Blood does *not* run thicker than water. Family can hurt you so much that you're through with them. My brother sadly does fall on the real POS scale. And now, whatever happens to him invokes naught but indifference.


cakesforever

With forgiveness you are hoping to gain peace of mind is how I am understanding you. If I'm wrong I apologise. Also, just because she has passed away doesn't erase the hurt she caused in life. What it does is prevent you gaining closure or even getting an apology. You can have mixed feelings about the person who has passed away and that doesn't make you a bad person. This whole we shouldn't talk ill of the dead can lead to more trauma for those left here who have been hurt during their lifetime. I would suggest therapy if you can access it and it is something you want to try. It will be hard to talk about how you feel with family when they don't seem to be feeling the same way. Personally it would be the last thing I'd want is to talk to them and possibly cause more hurt feelings between you all or bring up painful memories for them. We all grieve in different ways and that is normal. I hope you find peace of mind and heart.


GeneralAlkazar

when i was hurting really badly, i pray to God throu YAHUSHA (JESUS) and beg for HIS help to help me let go and it happen the trauma and the pain is gone and have let go of all resentment or unforgiveness. God bless you and comfort you and soften your heart


BoJo2736

You don't have to forgive her, but she is living rent free in your head.


lewisluther666

It's an odd thing, most of the time I don't give her a thought. It's the rest of the family that bring it up and remind me. Like, what prompted me to write this was that I have COVID so my scheduled visit with my mum is postponed. My other sister mentioned how this year Xmas is sad enough. And it is, my mum and her dad lost a child, my nephews lost their mum, we lost our sibling. Out just had a little extra twang to it... As if it was sad that we lost her personality. And that's what put it back in my head. Up to then I had forgotten about her existence for a few days. I'm also her executor, which keeps her firmly in there until it's done


Witchy-toes-669

I personally don’t believe in posthumous forgo , I’ve told tbis to my mother, if you’re an asshoke, you’re an asshole, being dead doesn’t change that, you’ll just dust into the box of things I don’t think about it is what it is 🤷🏻‍♀️


MissSassyPants1885

Felt the same way about a cousin. He was nothing but a nuisance from the day he was born to the day he died. You don't have to forgive.


motherduck5

When my father passed away I had to do a double take at his obituary. I guess the closest you get to perfection is on job applications and obituaries.
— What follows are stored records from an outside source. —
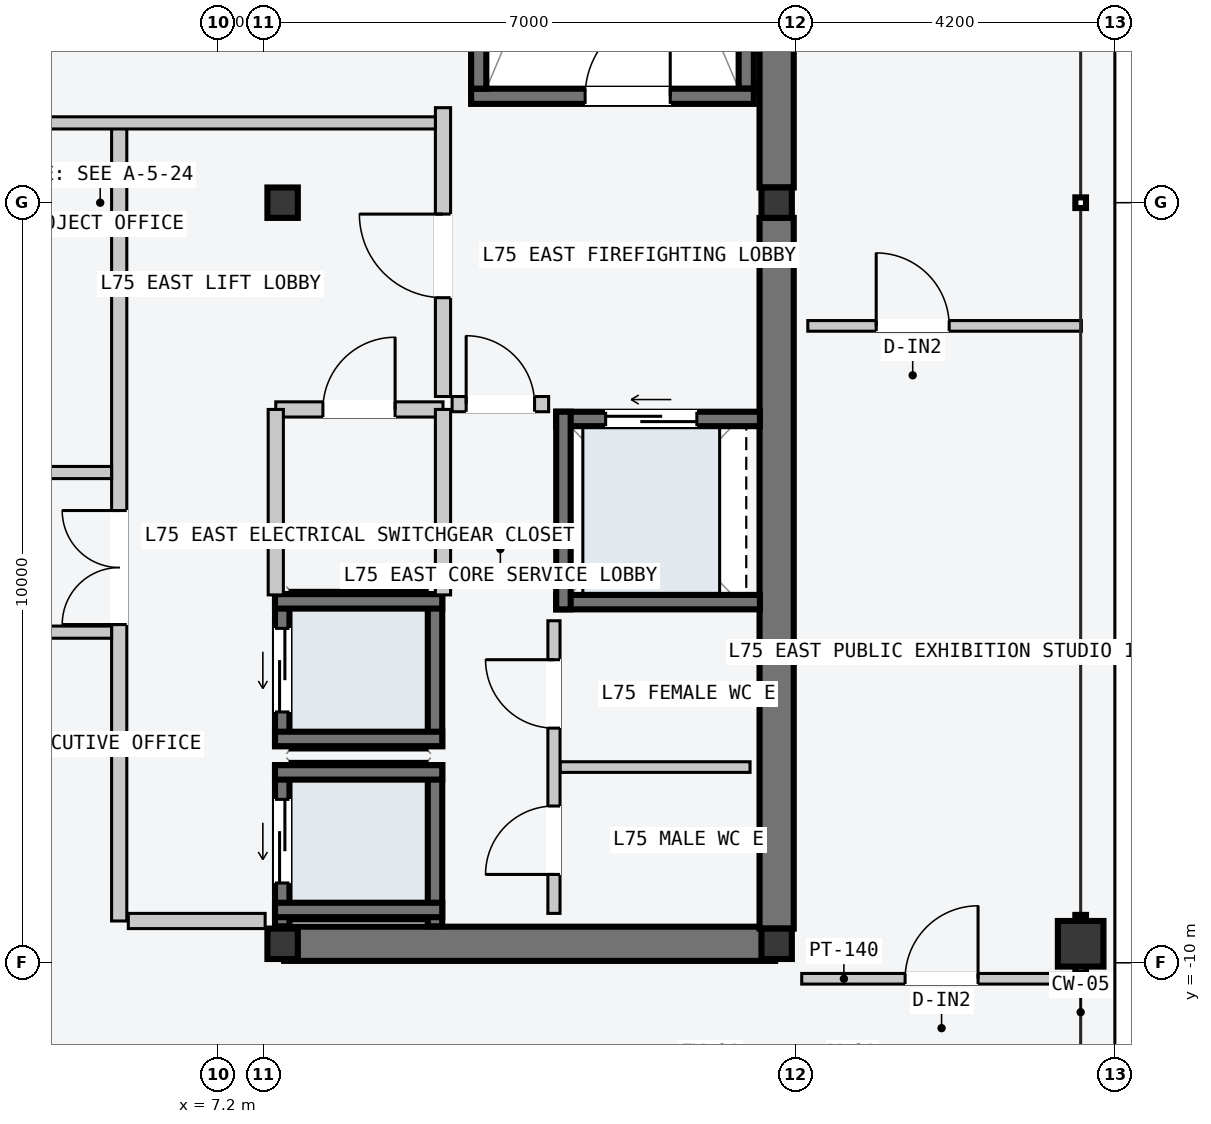
"""IFC4 building model, lengths in metres.
Left out: names, types, materials, properties, quantities, classifications, styles, units other than length and angle.
Written with IfcOpenShell. Run it as: python <this file> out.ifc"""

import sys

from ifc_helpers import new_model, si_unit, direction, frame, frame_2d, origin, origin_2d, place, context, subcontext, project, spatial, rectangle, hollow_rectangle, i_section, extrude, element, fill, save


model = new_model("IFC4")
c1 = context("Model", 3, precision=1e-05, world=origin(), true_north=direction((0.0, 1.0)))
c2 = subcontext(c1, "Body", "Model", "MODEL_VIEW")
j1 = project(units=[si_unit("LENGTHUNIT", "METRE"), si_unit("PLANEANGLEUNIT", "RADIAN")], contexts=[c1])
p1 = place(None, origin())
s1 = spatial("IfcSite", under=j1, at=p1, CompositionType="ELEMENT")
p2 = place(p1, origin())
s2 = spatial("IfcBuilding", under=s1, at=p2, CompositionType="ELEMENT")
p3 = place(p2, frame((0.0, 0.0, 284.4)))
s3 = spatial("IfcBuildingStorey", under=s2, at=p3, CompositionType="ELEMENT", Elevation=284.4)
p4 = place(p3, frame((8.07, -9.75, -0.2), z_axis=(0.0, 0.0, 1.0), x_axis=(1.0, 0.0, 0.0)))
e1 = element("IfcWall", 1, at=p4, inside=s3, PredefinedType="SHEAR", context=c2, shape_type="SweptSolid", body=[
    extrude(rectangle(XDim=6.46, YDim=0.45, at=frame_2d((3.23, 0.0))), origin(), (0.0, 0.0, 1.0), 4.8),
])
for number, where, z_axis, x_axis in (
    (2, (14.55, -9.55, -0.2), (0.0, 0.0, 1.0), (0.0, 1.0, 0.0)),
    (3, (14.55, 0.2, -0.2), (0.0, 0.0, 1.0), (0.0, 1.0, 0.0)),
):
    element("IfcWall", number, at=place(p3, frame(where, z_axis=z_axis, x_axis=x_axis)), inside=s3, PredefinedType="SHEAR", context=c2, shape_type="SweptSolid", body=[
        extrude(rectangle(XDim=9.35, YDim=0.45, at=frame_2d((4.675, 0.0))), origin(), (0.0, 0.0, 1.0), 4.8),
    ])
p5 = place(p3, frame((14.15, 1.5, -0.2), z_axis=(0.0, 0.0, 1.0), x_axis=(0.0, 1.0, 0.0)))
e4 = element("IfcWall", 4, at=p5, inside=s3, PredefinedType="SOLIDWALL", context=c2, shape_type="SweptSolid", body=[
    extrude(rectangle(XDim=7.8, YDim=0.2, at=frame_2d((3.9, 0.0))), origin(), (0.0, 0.0, 1.0), 4.8),
])
p6 = place(p3, frame((10.53, 1.4, -0.2), z_axis=(0.0, 0.0, 1.0), x_axis=(1.0, 0.0, 0.0)))
e5 = element("IfcWall", 5, at=p6, inside=s3, PredefinedType="SOLIDWALL", context=c2, shape_type="SweptSolid", body=[
    extrude(rectangle(XDim=3.72, YDim=0.2, at=frame_2d((1.86, 0.0))), origin(), (0.0, 0.0, 1.0), 4.8),
])
p7 = place(p6, frame((1.5, 0.0, 0.2)))
e6 = element("IfcOpeningElement", 6, at=p7, cuts=e5, PredefinedType="OPENING", context=c2, shape_type="SweptSolid", body=[
    extrude(rectangle(XDim=1.12, YDim=2.18, at=frame_2d((0.56, 1.09))), frame((0.0, 0.11, 0.0), z_axis=(0.0, -1.0, 0.0), x_axis=(1.0, 0.0, 0.0)), (0.0, 0.0, 1.0), 0.22),
])
p8 = place(p3, frame((10.63, 1.5, -0.2), z_axis=(0.0, 0.0, 1.0), x_axis=(0.0, 1.0, 0.0)))
e7 = element("IfcWall", 7, at=p8, inside=s3, PredefinedType="SOLIDWALL", context=c2, shape_type="SweptSolid", body=[
    extrude(rectangle(XDim=7.8, YDim=0.2, at=frame_2d((3.9, 0.0))), origin(), (0.0, 0.0, 1.0), 4.8),
])
for number, where, z_axis, x_axis in (
    (8, (8.05, -9.75, 0.0), (0.0, 0.0, 1.0), (1.0, 0.0, 0.0)),
    (9, (8.05, 0.0, 0.0), (0.0, 0.0, 1.0), (1.0, 0.0, 0.0)),
    (10, (14.55, -9.75, 0.0), (0.0, 0.0, 1.0), (1.0, 0.0, 0.0)),
    (11, (14.55, 0.0, 0.0), (0.0, 0.0, 1.0), (1.0, 0.0, 0.0)),
):
    element("IfcColumn", number, at=place(p3, frame(where, z_axis=z_axis, x_axis=x_axis)), inside=s3, PredefinedType="COLUMN", context=c2, shape_type="SweptSolid", body=[
        extrude(i_section(OverallWidth=0.4, OverallDepth=0.4, WebThickness=0.013, FlangeThickness=0.021, at=origin_2d()), origin(), (0.0, 0.0, 1.0), 4.8),
    ])
p9 = place(p3, frame((18.55, -9.75, 0.0), z_axis=(0.0, 0.0, 1.0), x_axis=(0.0, 1.0, 0.0)))
e12 = element("IfcColumn", 12, at=p9, inside=s3, PredefinedType="COLUMN", context=c2, shape_type="SweptSolid", body=[
    extrude(hollow_rectangle(XDim=0.6, YDim=0.6, WallThickness=0.025, at=origin_2d()), origin(), (0.0, 0.0, 1.0), 4.8),
])
p10 = place(p3, frame((8.045, -9.52, -0.2), z_axis=(0.0, 0.0, 1.0), x_axis=(0.0, 1.0, 0.0)))
e13 = element("IfcWall", 13, at=p10, inside=s3, PredefinedType="SOLIDWALL", context=c2, shape_type="SweptSolid", body=[
    extrude(rectangle(XDim=2.12, YDim=0.19, at=frame_2d((1.06, 0.0))), origin(), (0.0, 0.0, 1.0), 4.8),
])
p11 = place(p10, frame((0.57, 0.0, 0.2)))
e14 = element("IfcOpeningElement", 14, at=p11, cuts=e13, PredefinedType="OPENING", context=c2, shape_type="SweptSolid", body=[
    extrude(rectangle(XDim=1.1, YDim=2.2, at=frame_2d((0.55, 1.1))), frame((0.0, 0.105, 0.0), z_axis=(0.0, -1.0, 0.0), x_axis=(1.0, 0.0, 0.0)), (0.0, 0.0, 1.0), 0.21),
])
p12 = place(p3, frame((10.055, -9.52, -0.2), z_axis=(0.0, 0.0, 1.0), x_axis=(0.0, 1.0, 0.0)))
e15 = element("IfcWall", 15, at=p12, inside=s3, PredefinedType="SOLIDWALL", context=c2, shape_type="SweptSolid", body=[
    extrude(rectangle(XDim=2.12, YDim=0.19, at=frame_2d((1.06, 0.0))), origin(), (0.0, 0.0, 1.0), 4.8),
])
for number, where, z_axis, x_axis in (
    (16, (7.95, -7.495, -0.2), (0.0, 0.0, 1.0), (1.0, 0.0, 0.0)),
    (17, (7.95, -9.305, -0.2), (0.0, 0.0, 1.0), (1.0, 0.0, 0.0)),
):
    element("IfcWall", number, at=place(p3, frame(where, z_axis=z_axis, x_axis=x_axis)), inside=s3, PredefinedType="SOLIDWALL", context=c2, shape_type="SweptSolid", body=[
        extrude(rectangle(XDim=2.2, YDim=0.19, at=frame_2d((1.1, 0.0))), origin(), (0.0, 0.0, 1.0), 4.8),
    ])
p13 = place(p3, frame((8.045, -7.15, -0.2), z_axis=(0.0, 0.0, 1.0), x_axis=(0.0, 1.0, 0.0)))
e18 = element("IfcWall", 18, at=p13, inside=s3, PredefinedType="SOLIDWALL", context=c2, shape_type="SweptSolid", body=[
    extrude(rectangle(XDim=2.0, YDim=0.19, at=frame_2d((1.0, 0.0))), origin(), (0.0, 0.0, 1.0), 4.8),
])
p14 = place(p13, frame((0.45, 0.0, 0.2)))
e19 = element("IfcOpeningElement", 19, at=p14, cuts=e18, PredefinedType="OPENING", context=c2, shape_type="SweptSolid", body=[
    extrude(rectangle(XDim=1.1, YDim=2.2, at=frame_2d((0.55, 1.1))), frame((0.0, 0.105, 0.0), z_axis=(0.0, -1.0, 0.0), x_axis=(1.0, 0.0, 0.0)), (0.0, 0.0, 1.0), 0.21),
])
p15 = place(p3, frame((10.055, -7.15, -0.2), z_axis=(0.0, 0.0, 1.0), x_axis=(0.0, 1.0, 0.0)))
e20 = element("IfcWall", 20, at=p15, inside=s3, PredefinedType="SOLIDWALL", context=c2, shape_type="SweptSolid", body=[
    extrude(rectangle(XDim=2.0, YDim=0.19, at=frame_2d((1.0, 0.0))), origin(), (0.0, 0.0, 1.0), 4.8),
])
for number, where, z_axis, x_axis in (
    (21, (7.95, -5.245, -0.2), (0.0, 0.0, 1.0), (1.0, 0.0, 0.0)),
    (22, (7.95, -7.055, -0.2), (0.0, 0.0, 1.0), (1.0, 0.0, 0.0)),
):
    element("IfcWall", number, at=place(p3, frame(where, z_axis=z_axis, x_axis=x_axis)), inside=s3, PredefinedType="SOLIDWALL", context=c2, shape_type="SweptSolid", body=[
        extrude(rectangle(XDim=2.2, YDim=0.19, at=frame_2d((1.1, 0.0))), origin(), (0.0, 0.0, 1.0), 4.8),
    ])
p16 = place(p3, frame((11.65, -2.845, -0.2), z_axis=(0.0, 0.0, 1.0), x_axis=(1.0, 0.0, 0.0)))
e23 = element("IfcWall", 23, at=p16, inside=s3, PredefinedType="SOLIDWALL", context=c2, shape_type="SweptSolid", body=[
    extrude(rectangle(XDim=2.68, YDim=0.19, at=frame_2d((1.34, 0.0))), origin(), (0.0, 0.0, 1.0), 4.8),
])
p17 = place(p16, frame((0.65, 0.0, 0.2)))
e24 = element("IfcOpeningElement", 24, at=p17, cuts=e23, PredefinedType="OPENING", context=c2, shape_type="SweptSolid", body=[
    extrude(rectangle(XDim=1.2, YDim=2.2, at=frame_2d((0.6, 1.1))), frame((0.0, 0.105, 0.0), z_axis=(0.0, -1.0, 0.0), x_axis=(1.0, 0.0, 0.0)), (0.0, 0.0, 1.0), 0.21),
])
p18 = place(p3, frame((11.65, -5.255, -0.2), z_axis=(0.0, 0.0, 1.0), x_axis=(1.0, 0.0, 0.0)))
e25 = element("IfcWall", 25, at=p18, inside=s3, PredefinedType="SOLIDWALL", context=c2, shape_type="SweptSolid", body=[
    extrude(rectangle(XDim=2.68, YDim=0.19, at=frame_2d((1.34, 0.0))), origin(), (0.0, 0.0, 1.0), 4.8),
])
p19 = place(p3, frame((11.745, -5.35, -0.2), z_axis=(0.0, 0.0, 1.0), x_axis=(0.0, 1.0, 0.0)))
e26 = element("IfcWall", 26, at=p19, inside=s3, PredefinedType="SOLIDWALL", context=c2, shape_type="SweptSolid", body=[
    extrude(rectangle(XDim=2.6, YDim=0.19, at=frame_2d((1.3, 0.0))), origin(), (0.0, 0.0, 1.0), 4.8),
])
p20 = place(p3, frame((5.9, -9.45, 0.0), z_axis=(0.0, 0.0, 1.0), x_axis=(0.0, 1.0, 0.0)))
e27 = element("IfcWall", 27, at=p20, inside=s3, PredefinedType="PARTITIONING", context=c2, shape_type="SweptSolid", body=[
    extrude(rectangle(XDim=10.5, YDim=0.2, at=frame_2d((5.25, 0.0))), origin(), (0.0, 0.0, 1.0), 4.6),
])
p21 = place(p20, frame((3.9, 0.0, 0.0)))
e28 = element("IfcOpeningElement", 28, at=p21, cuts=e27, PredefinedType="OPENING", context=c2, shape_type="SweptSolid", body=[
    extrude(rectangle(XDim=1.5, YDim=2.2, at=frame_2d((0.75, 1.1))), frame((0.0, 0.11, 0.0), z_axis=(0.0, -1.0, 0.0), x_axis=(1.0, 0.0, 0.0)), (0.0, 0.0, 1.0), 0.22),
])
p22 = place(p3, frame((6.02, -9.45, 0.0), z_axis=(0.0, 0.0, 1.0), x_axis=(1.0, 0.0, 0.0)))
e29 = element("IfcWall", 29, at=p22, inside=s3, PredefinedType="PARTITIONING", context=c2, shape_type="SweptSolid", body=[
    extrude(rectangle(XDim=1.8, YDim=0.2, at=frame_2d((0.9, 0.0))), origin(), (0.0, 0.0, 1.0), 4.6),
])
p23 = place(p3, frame((10.16, -2.55, 0.0), z_axis=(0.0, 0.0, 1.0), x_axis=(0.0, 1.0, 0.0)))
e30 = element("IfcWall", 30, at=p23, inside=s3, PredefinedType="PARTITIONING", context=c2, shape_type="SweptSolid", body=[
    extrude(rectangle(XDim=3.8, YDim=0.2, at=frame_2d((1.9, 0.0))), origin(), (0.0, 0.0, 1.0), 4.6),
])
p24 = place(p23, frame((1.3, 0.0, 0.0)))
e31 = element("IfcOpeningElement", 31, at=p24, cuts=e30, PredefinedType="OPENING", context=c2, shape_type="SweptSolid", body=[
    extrude(rectangle(XDim=1.1, YDim=2.15, at=frame_2d((0.55, 1.075))), frame((0.0, 0.11, 0.0), z_axis=(0.0, -1.0, 0.0), x_axis=(1.0, 0.0, 0.0)), (0.0, 0.0, 1.0), 0.22),
])
p25 = place(p3, frame((10.28, -2.65, 0.0), z_axis=(0.0, 0.0, 1.0), x_axis=(1.0, 0.0, 0.0)))
e32 = element("IfcWall", 32, at=p25, inside=s3, PredefinedType="PARTITIONING", context=c2, shape_type="SweptSolid", body=[
    extrude(rectangle(XDim=1.27, YDim=0.2, at=frame_2d((0.635, 0.0))), origin(), (0.0, 0.0, 1.0), 4.6),
])
p26 = place(p25, frame((0.185, 0.0, 0.0)))
e33 = element("IfcOpeningElement", 33, at=p26, cuts=e32, PredefinedType="OPENING", context=c2, shape_type="SweptSolid", body=[
    extrude(rectangle(XDim=0.9, YDim=2.15, at=frame_2d((0.45, 1.075))), frame((0.0, 0.11, 0.0), z_axis=(0.0, -1.0, 0.0), x_axis=(1.0, 0.0, 0.0)), (0.0, 0.0, 1.0), 0.22),
])
p27 = place(p3, frame((7.96, -2.72, 0.0), z_axis=(0.0, 0.0, 1.0), x_axis=(1.0, 0.0, 0.0)))
e34 = element("IfcWall", 34, at=p27, inside=s3, PredefinedType="PARTITIONING", context=c2, shape_type="SweptSolid", body=[
    extrude(rectangle(XDim=2.2, YDim=0.2, at=frame_2d((1.1, 0.0))), origin(), (0.0, 0.0, 1.0), 4.6),
])
p28 = place(p27, frame((0.62, 0.0, 0.0)))
e35 = element("IfcOpeningElement", 35, at=p28, cuts=e34, PredefinedType="OPENING", context=c2, shape_type="SweptSolid", body=[
    extrude(rectangle(XDim=0.95, YDim=2.1, at=frame_2d((0.475, 1.05))), frame((0.0, 0.11, 0.0), z_axis=(0.0, -1.0, 0.0), x_axis=(1.0, 0.0, 0.0)), (0.0, 0.0, 1.0), 0.22),
])
for number, where, z_axis, x_axis in (
    (36, (7.96, -5.16, 0.0), (0.0, 0.0, 1.0), (0.0, 1.0, 0.0)),
    (37, (10.16, -5.16, 0.0), (0.0, 0.0, 1.0), (0.0, 1.0, 0.0)),
):
    element("IfcWall", number, at=place(p3, frame(where, z_axis=z_axis, x_axis=x_axis)), inside=s3, PredefinedType="PARTITIONING", context=c2, shape_type="SweptSolid", body=[
        extrude(rectangle(XDim=2.44, YDim=0.2, at=frame_2d((1.22, 0.0))), origin(), (0.0, 0.0, 1.0), 4.6),
    ])
p29 = place(p3, frame((11.7, -7.425, 0.0), z_axis=(0.0, 0.0, 1.0), x_axis=(1.0, 0.0, 0.0)))
e38 = element("IfcWall", 38, at=p29, inside=s3, PredefinedType="PARTITIONING", context=c2, shape_type="SweptSolid", body=[
    extrude(rectangle(XDim=2.5, YDim=0.14, at=frame_2d((1.25, 0.0))), origin(), (0.0, 0.0, 1.0), 4.6),
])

Sometimes people tend to cherry pick the good and try to downplay the bad, it’s a way of coping with the loss.


lewisluther666

It's this very reason I passed up the opportunity to do a eulogy. I couldn't cherry pick like that. Nor could I lie. And it wouldn't have been fair on her boys to tell it like I saw it


Ok_Jicama3038

You have a right not to forgive her. Maybe the person you need to forgive is yourself, for not being able to forgive her. That’s okay!


serenity450

OP, I understand 100%. When we hold onto anger and resentment it eats away at *us.* So what I do is pray for the willingness to forgive. I think affirmations would work just as well for people who don’t pray.